Decreases in bacterial counts from TCF samples (mean of log CFU/ml) at the end of therapy (days 8 and 11). Analysis of variance and an unpaired Student t test with Bonferroni correction were used to determine statistical significance (defined as a P value of <0.05). Lower limit of detection of bacterial counts, 10 CFU/ml. Abbreviations: FOS, fosfomycin 500 mg/kg/12 h; D45, daptomycin 45 mg/kg/day; D100, daptomycin 100 mg/kg/day; IMI, imipenem 120 mg/kg/12 h; RIF, rifampin 25 mg/kg/12 h; CON, control group. (a) Day 8. The combination of D100 and RIF (D100+RIF) was the most effective treatment (##, P < 0.05 versus all therapies). D45, D100, and RIF in combination with FOS were better than either monotherapy or FOS+IMI (#, P < 0.05).
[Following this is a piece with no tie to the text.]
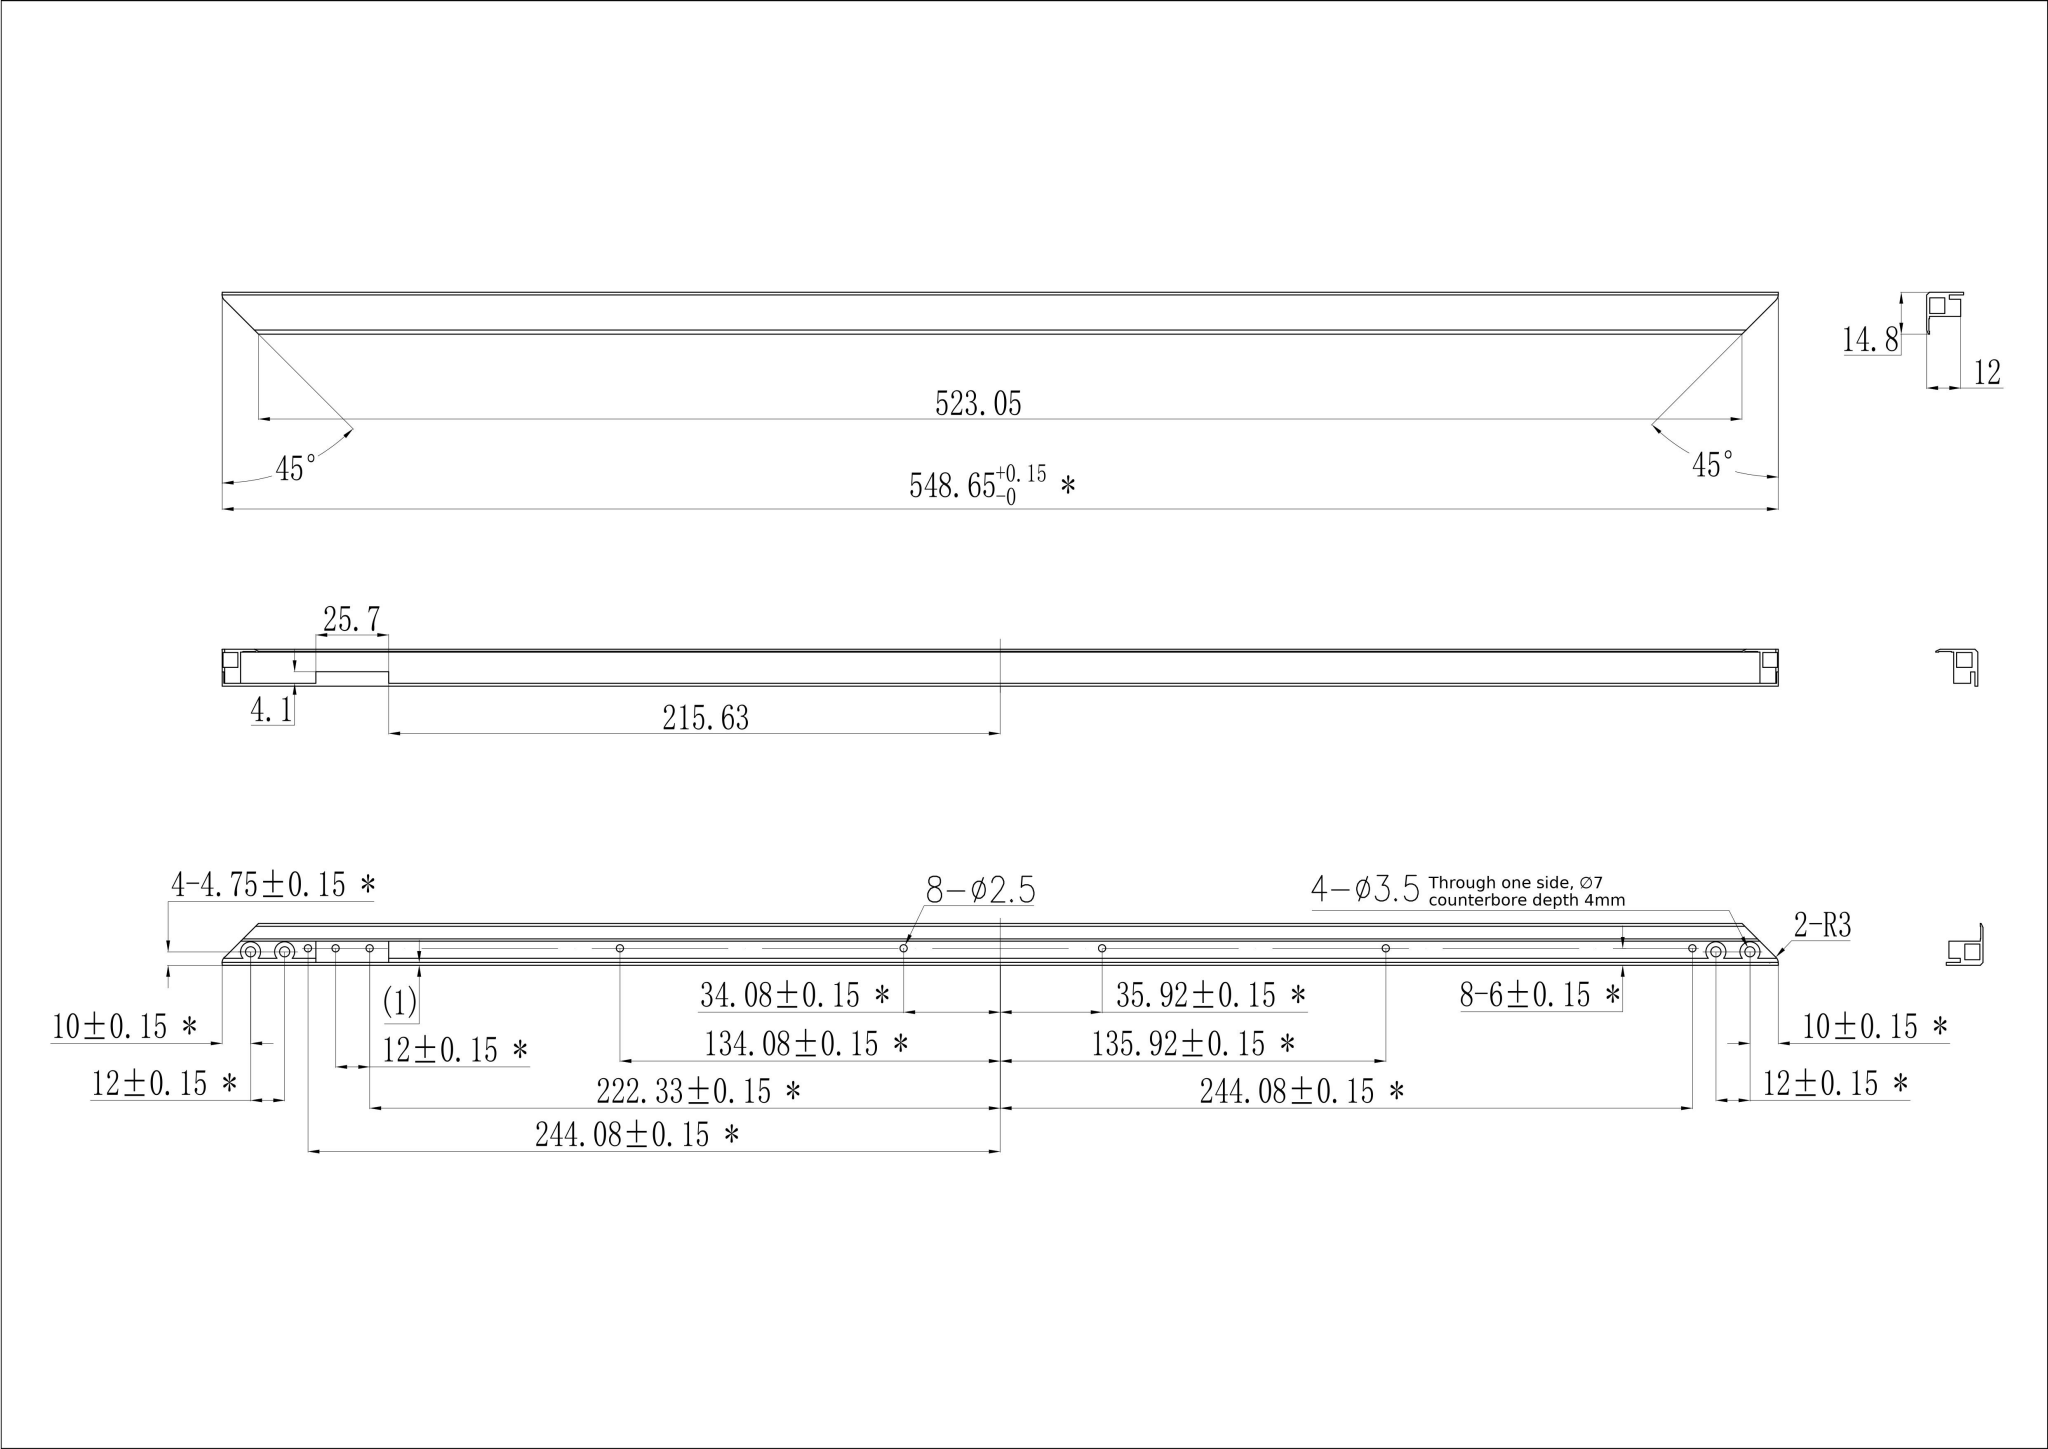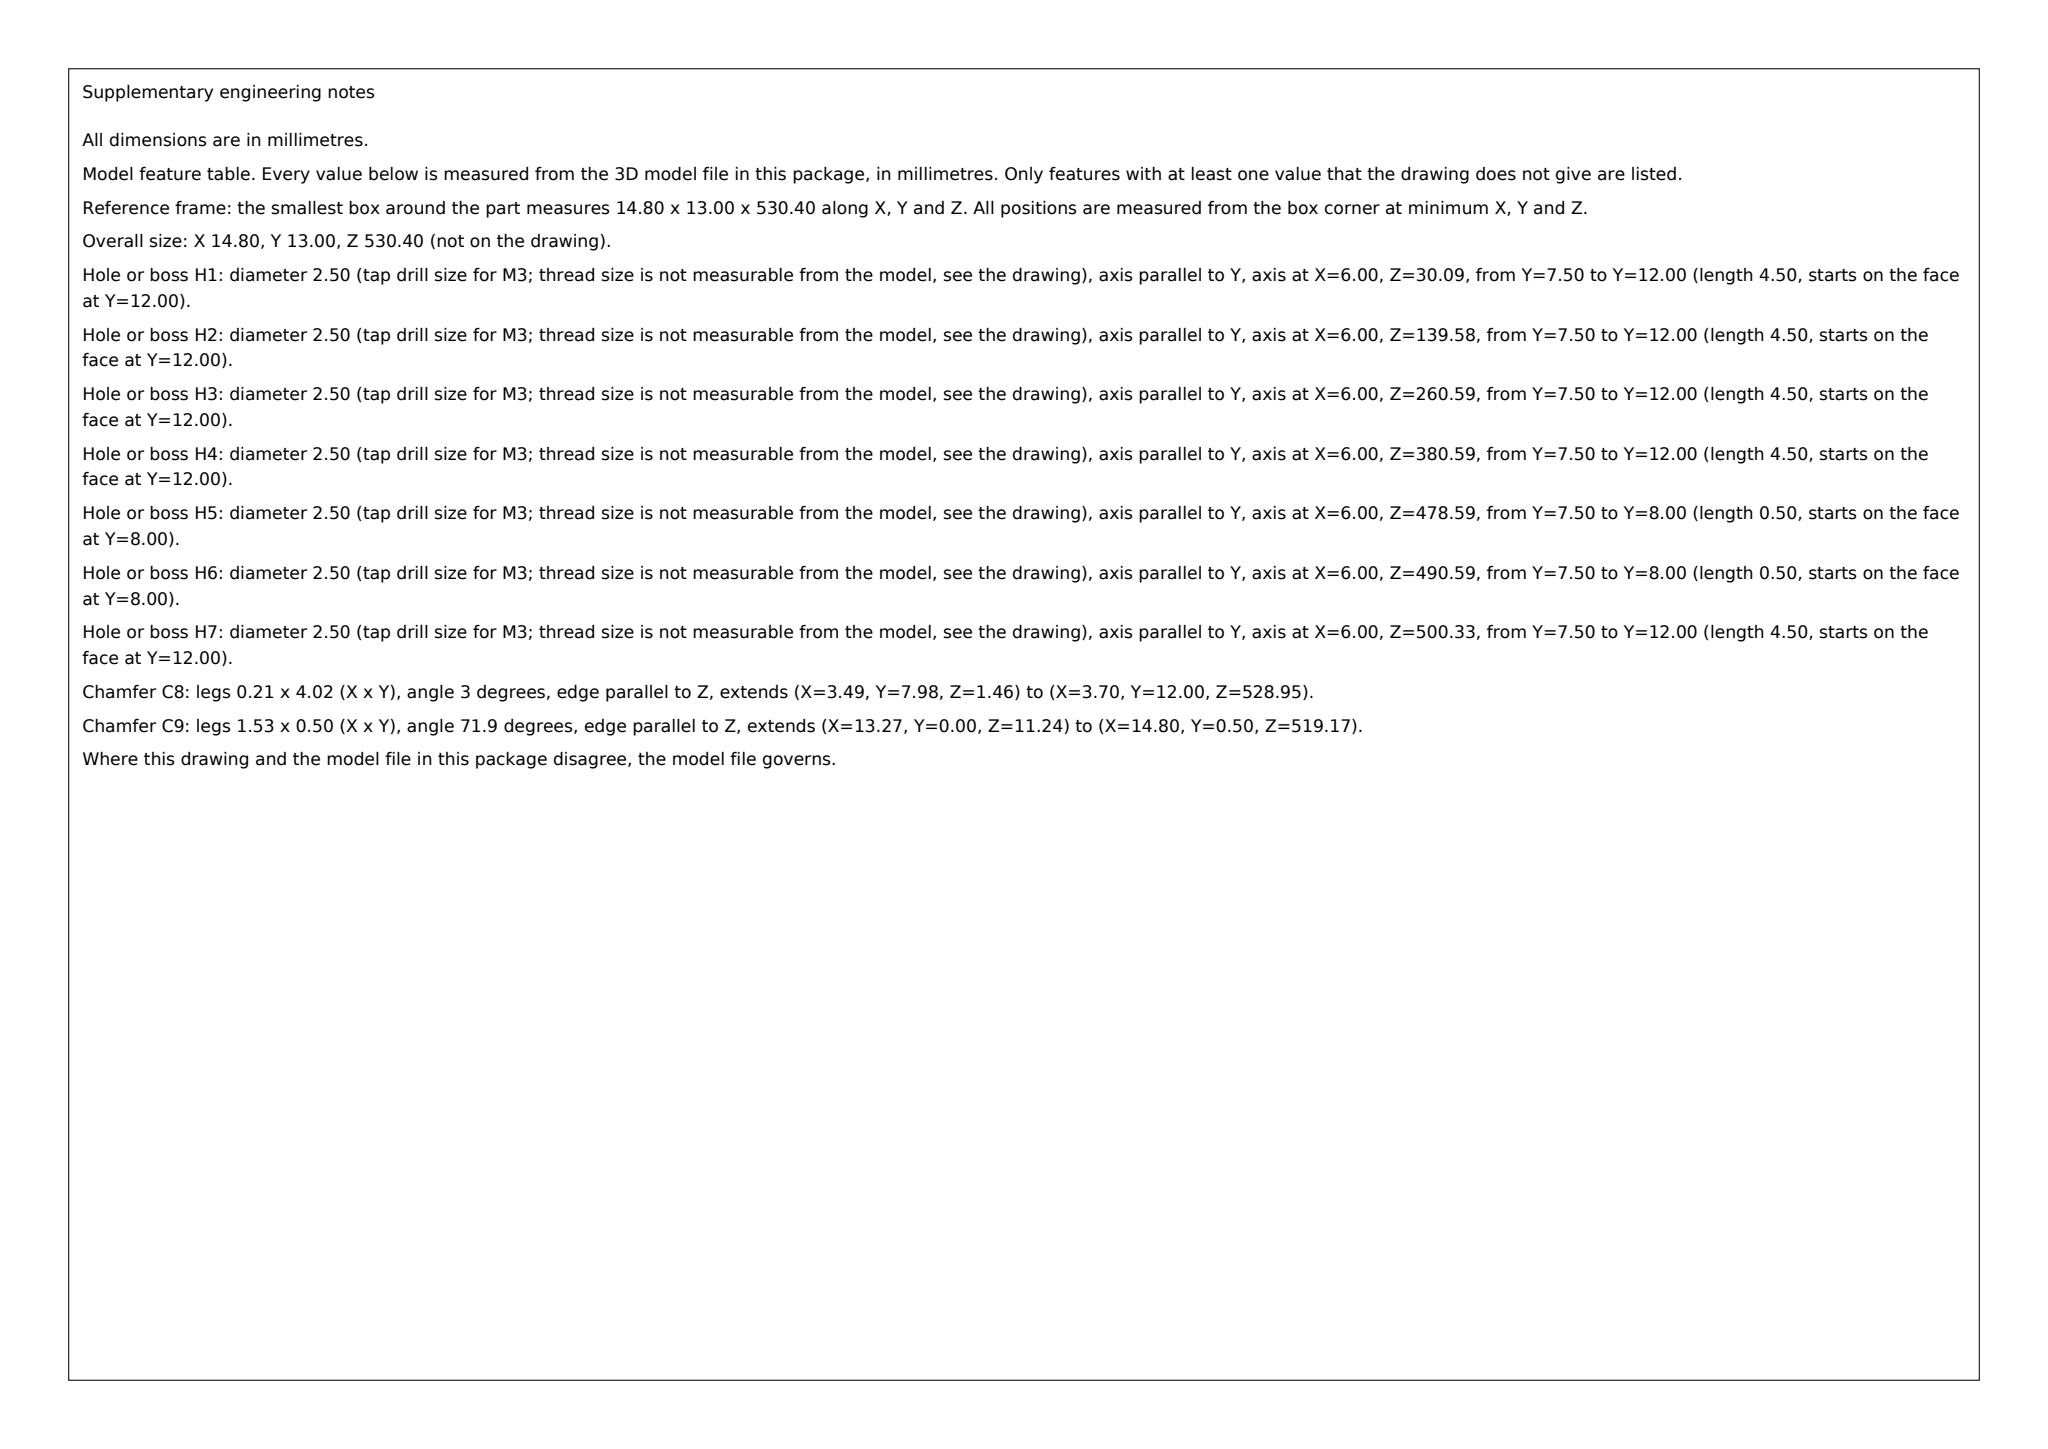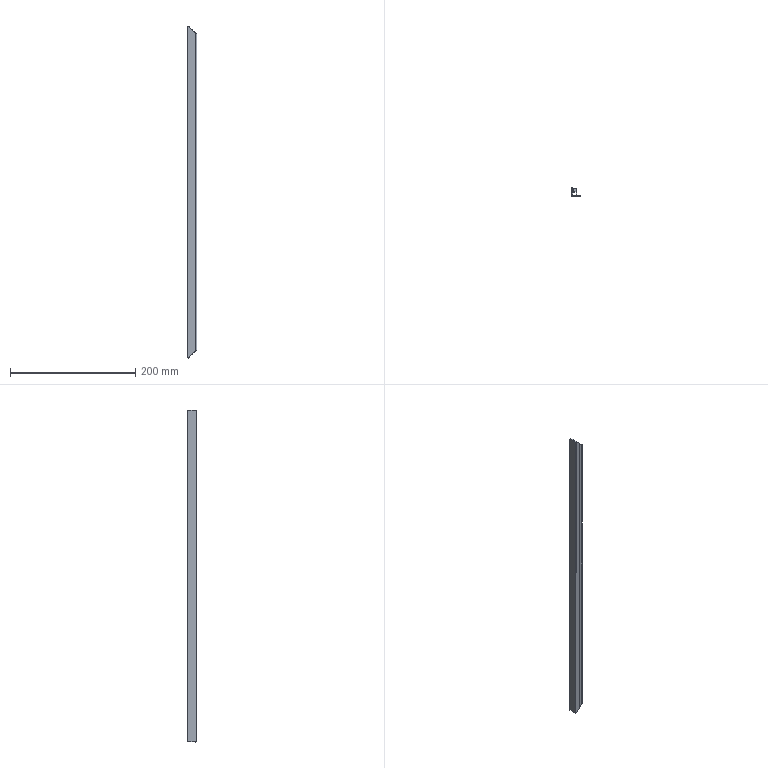Part | SolidWorks | mm | 1 solid | 44 faces | box 14.8 x 13 x 530.4 mm | volume 38168 mm3 | plane 30 | cylinder 14 | commonest cylinder face diameters 2.5 x14

Results for all drugs were significantly improved by their use in combination (versus their use as monotherapies): D45, D100, and RIF were the most effective (**, P < 0.05 versus IMI and FOS), FOS had modest efficacy (*, P < 0.05 versus IMI), and IMI was ineffective. (b) Day 11. The efficacy of all groups except IMI, RIF, and D45 was greater than on day 8. D100+RIF had greater efficacy than all therapies but FOS+RIF (¥, P < 0.05). FOS+RIF was more effective than all monotherapies, FOS+IMI and FOS+D45 (# #, P < 0.05), and FOS+D100 (# #, P = 0.06). FOS plus daptomycin (both dosages) was better than all monotherapies and FOS+IMI (#, P < 0.05). D45, D100, RIF, and FOS+IMI were more effective than IMI and FOS (**, P < 0.05). *, P < 0.05 for FOS versus IMI.

Fig 3

(a and b) Bacterial counts in CV (mean log CFU/ml) (a) and cure rates of infection (expressed as percentages of samples with bacterial counts under the limit of detection with respect to the total samples) (b) for different groups. (a) Results for all groups were better than results for controls (P < 0.05). D45, D100, RIF, and FOS+IMI were better than IMI alone (*, P < 0.05). All FOS combinations (except FOS+IMI) and D100+RIF were the best therapies (# #, P < 0.05 versus all therapies). (b) Results for all groups except IMI (cure rate, 0%; not represented) were better than results for controls (P < 0.05). D100+RIF (# #, P < 0.05 versus all monotherapies, FOS+IMI, and FOS+D45) was the most effective treatment (94%), and it had greater efficacy than FOS+RIF (79%) and FOS+D100 (82%) (#, P < 0.05 versus D45, D100, FOS, and FOS+IMI). Among monotherapies, RIF was the most active therapy (*, P < 0.05 versus D45, D100, and FOS+IMI). Abbreviations are defined in Fig. 2.